Hillary Clinton takes aim at pharma industry in White House bid
pharmafile | October 5, 2015 | News story | Medical Communications, Sales and Marketing | turing
Hillary Clinton has taken aim at the pharmaceutical industry with a campaign advert airing in two US states, in which she promises to ‘crack down’ on companies that charge over-the-odds for drugs.
The former Secretary of State, who is currently seeking the Democratic Party’s nomination to run for President in 2016, appears in the television commercial airing in New Hampshire and Iowa, and uses the platform to criticise Martin Shkreli and his company Turing, for the recently-publicised fifty-fold increase in the parasitic disease treatment Daraprim.
The commercial shows Clinton calling for a “crack down” on drug company abuses that leave the public out of pocket and potentially priced out of the market for certain treatments, and appearing at a campaign event last months in which she said “it is time to deal with skyrocketing out-of-pocket costs.”
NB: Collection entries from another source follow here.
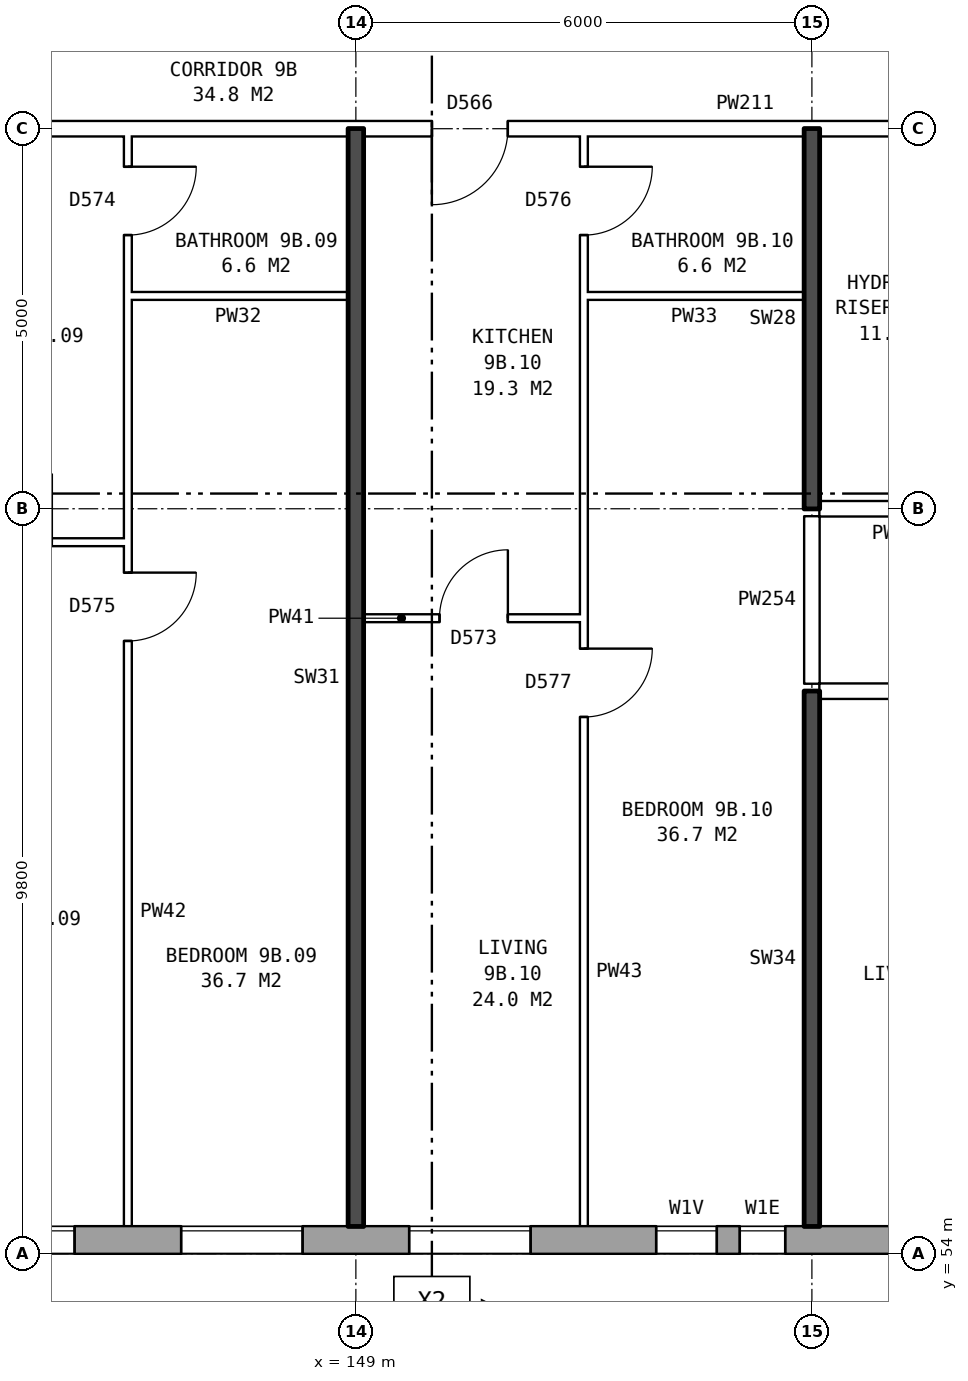
"""IFC4 building model, lengths in metres.
Left out: names, types, materials, properties, quantities, classifications, styles, units other than length and angle.
Written with IfcOpenShell. Run it as: python <this file> out.ifc"""

import sys

from ifc_helpers import new_model, si_unit, direction, frame, frame_2d, origin, place, context, subcontext, project, spatial, rectangle, extrude, element, fill, save


model = new_model("IFC4")
c1 = context("Model", 3, precision=1e-05, world=origin(), true_north=direction((0.0, 1.0)))
c2 = subcontext(c1, "Body", "Model", "MODEL_VIEW")
j1 = project(units=[si_unit("LENGTHUNIT", "METRE"), si_unit("PLANEANGLEUNIT", "RADIAN")], contexts=[c1])
p1 = place(None, origin())
s1 = spatial("IfcSite", under=j1, at=p1, CompositionType="ELEMENT")
p2 = place(p1, origin())
s2 = spatial("IfcBuilding", under=s1, at=p2, CompositionType="ELEMENT")
p3 = place(p2, frame((0.0, 0.0, 35.0)))
s3 = spatial("IfcBuildingStorey", under=s2, at=p3, CompositionType="ELEMENT", Elevation=35.0)
p4 = place(p3, frame((134.075, 54.18, 0.0), z_axis=(0.0, 0.0, 1.0), x_axis=(1.0, 0.0, 0.0)))
e1 = element("IfcWall", 1, at=p4, inside=s3, PredefinedType="STANDARD", context=c2, shape_type="SweptSolid", body=[
    extrude(rectangle(XDim=40.601, YDim=0.36, at=frame_2d((20.3, 0.0))), origin(), (0.0, 0.0, 1.0), 2.85),
])
p5 = place(p4, frame((0.625, 0.0, 0.8)))
e2 = element("IfcOpeningElement", 2, at=p5, cuts=e1, PredefinedType="OPENING", context=c2, shape_type="SweptSolid", body=[
    extrude(rectangle(XDim=1.6, YDim=1.8, at=frame_2d((0.8, 0.9))), frame((0.0, 0.19, 0.0), z_axis=(0.0, -1.0, 0.0), x_axis=(1.0, 0.0, 0.0)), (0.0, 0.0, 1.0), 0.38),
])
p6 = place(p4, frame((3.625, 0.0, 0.8)))
e3 = element("IfcOpeningElement", 3, at=p6, cuts=e1, PredefinedType="OPENING", context=c2, shape_type="SweptSolid", body=[
    extrude(rectangle(XDim=1.6, YDim=1.8, at=frame_2d((0.8, 0.9))), frame((0.0, 0.19, 0.0), z_axis=(0.0, -1.0, 0.0), x_axis=(1.0, 0.0, 0.0)), (0.0, 0.0, 1.0), 0.38),
])
p7 = place(p4, frame((6.625, 0.0, 0.8)))
e4 = element("IfcOpeningElement", 4, at=p7, cuts=e1, PredefinedType="OPENING", context=c2, shape_type="SweptSolid", body=[
    extrude(rectangle(XDim=1.6, YDim=1.8, at=frame_2d((0.8, 0.9))), frame((0.0, 0.19, 0.0), z_axis=(0.0, -1.0, 0.0), x_axis=(1.0, 0.0, 0.0)), (0.0, 0.0, 1.0), 0.38),
])
p8 = place(p4, frame((9.625, 0.0, 0.8)))
e5 = element("IfcOpeningElement", 5, at=p8, cuts=e1, PredefinedType="OPENING", context=c2, shape_type="SweptSolid", body=[
    extrude(rectangle(XDim=1.6, YDim=1.8, at=frame_2d((0.8, 0.9))), frame((0.0, 0.19, 0.0), z_axis=(0.0, -1.0, 0.0), x_axis=(1.0, 0.0, 0.0)), (0.0, 0.0, 1.0), 0.38),
])
p9 = place(p4, frame((12.625, 0.0, 0.8)))
e6 = element("IfcOpeningElement", 6, at=p9, cuts=e1, PredefinedType="OPENING", context=c2, shape_type="SweptSolid", body=[
    extrude(rectangle(XDim=1.6, YDim=1.8, at=frame_2d((0.8, 0.9))), frame((0.0, 0.19, 0.0), z_axis=(0.0, -1.0, 0.0), x_axis=(1.0, 0.0, 0.0)), (0.0, 0.0, 1.0), 0.38),
])
p10 = place(p4, frame((15.625, 0.0, 0.8)))
e7 = element("IfcOpeningElement", 7, at=p10, cuts=e1, PredefinedType="OPENING", context=c2, shape_type="SweptSolid", body=[
    extrude(rectangle(XDim=1.6, YDim=1.8, at=frame_2d((0.8, 0.9))), frame((0.0, 0.19, 0.0), z_axis=(0.0, -1.0, 0.0), x_axis=(1.0, 0.0, 0.0)), (0.0, 0.0, 1.0), 0.38),
])
p11 = place(p4, frame((18.875, 0.0, 0.15)))
e8 = element("IfcOpeningElement", 8, at=p11, cuts=e1, PredefinedType="OPENING", context=c2, shape_type="SweptSolid", body=[
    extrude(rectangle(XDim=0.8, YDim=0.9, at=frame_2d((0.4, 0.45))), frame((0.0, 0.19, 0.0), z_axis=(0.0, -1.0, 0.0), x_axis=(1.0, 0.0, 0.0)), (0.0, 0.0, 1.0), 0.38),
])
p12 = place(p4, frame((22.175, 0.0, 1.7)))
e9 = element("IfcOpeningElement", 9, at=p12, cuts=e1, PredefinedType="OPENING", context=c2, shape_type="SweptSolid", body=[
    extrude(rectangle(XDim=0.8, YDim=0.9, at=frame_2d((0.4, 0.45))), frame((0.0, 0.19, 0.0), z_axis=(0.0, -1.0, 0.0), x_axis=(1.0, 0.0, 0.0)), (0.0, 0.0, 1.0), 0.38),
])
p13 = place(p4, frame((24.625, 0.0, 0.8)))
e10 = element("IfcOpeningElement", 10, at=p13, cuts=e1, PredefinedType="OPENING", context=c2, shape_type="SweptSolid", body=[
    extrude(rectangle(XDim=1.6, YDim=1.8, at=frame_2d((0.8, 0.9))), frame((0.0, 0.19, 0.0), z_axis=(0.0, -1.0, 0.0), x_axis=(1.0, 0.0, 0.0)), (0.0, 0.0, 1.0), 0.38),
])
p14 = place(p4, frame((27.625, 0.0, 0.8)))
e11 = element("IfcOpeningElement", 11, at=p14, cuts=e1, PredefinedType="OPENING", context=c2, shape_type="SweptSolid", body=[
    extrude(rectangle(XDim=1.6, YDim=1.8, at=frame_2d((0.8, 0.9))), frame((0.0, 0.19, 0.0), z_axis=(0.0, -1.0, 0.0), x_axis=(1.0, 0.0, 0.0)), (0.0, 0.0, 1.0), 0.38),
])
p15 = place(p4, frame((30.625, 0.0, 0.8)))
e12 = element("IfcOpeningElement", 12, at=p15, cuts=e1, PredefinedType="OPENING", context=c2, shape_type="SweptSolid", body=[
    extrude(rectangle(XDim=1.6, YDim=1.8, at=frame_2d((0.8, 0.9))), frame((0.0, 0.19, 0.0), z_axis=(0.0, -1.0, 0.0), x_axis=(1.0, 0.0, 0.0)), (0.0, 0.0, 1.0), 0.38),
])
p16 = place(p4, frame((33.625, 0.0, 0.8)))
e13 = element("IfcOpeningElement", 13, at=p16, cuts=e1, PredefinedType="OPENING", context=c2, shape_type="SweptSolid", body=[
    extrude(rectangle(XDim=1.6, YDim=1.8, at=frame_2d((0.8, 0.9))), frame((0.0, 0.19, 0.0), z_axis=(0.0, -1.0, 0.0), x_axis=(1.0, 0.0, 0.0)), (0.0, 0.0, 1.0), 0.38),
])
p17 = place(p4, frame((36.625, 0.0, 0.8)))
e14 = element("IfcOpeningElement", 14, at=p17, cuts=e1, PredefinedType="OPENING", context=c2, shape_type="SweptSolid", body=[
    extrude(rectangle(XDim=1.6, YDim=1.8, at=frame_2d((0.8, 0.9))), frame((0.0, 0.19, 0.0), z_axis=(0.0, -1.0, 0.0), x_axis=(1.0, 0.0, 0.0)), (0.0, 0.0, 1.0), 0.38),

The advert also implies that Clinton’s intervention in the Turing story was a key factor in Shkreli’s promise to lower the price, featuring a Fox News contributor saying Clinton had “blasted him out of the water.”
She tweeted shortly after the story was featured in The New York Times that “price gouging like this in the specialty drug market is outrageous,” and promised to lay out a plan to “take it on.”
The Clinton campaign has made pharmaceutical industry reforms aimed at reducing out-of-pocket costs for patients and curbing abuses a key part of her recent campaign.
It has been reported that the former New York Senator is proposing a $250 monthly cap on prescription drugs for patients with chronic or serious medical conditions.
A Clinton campaign official told The Guardian the strategy also includes a plan to deny tax breaks for pharma companies that market medicines directly to consumers, and stricter regulation of drug labels to protect patients from misleading advertisements.
Clinton is also said to be considering slashing the patent period by nearly half, to speed up the market availability of cheaper generics, and encouraging companies to invest in R&D by offering federal subsidies.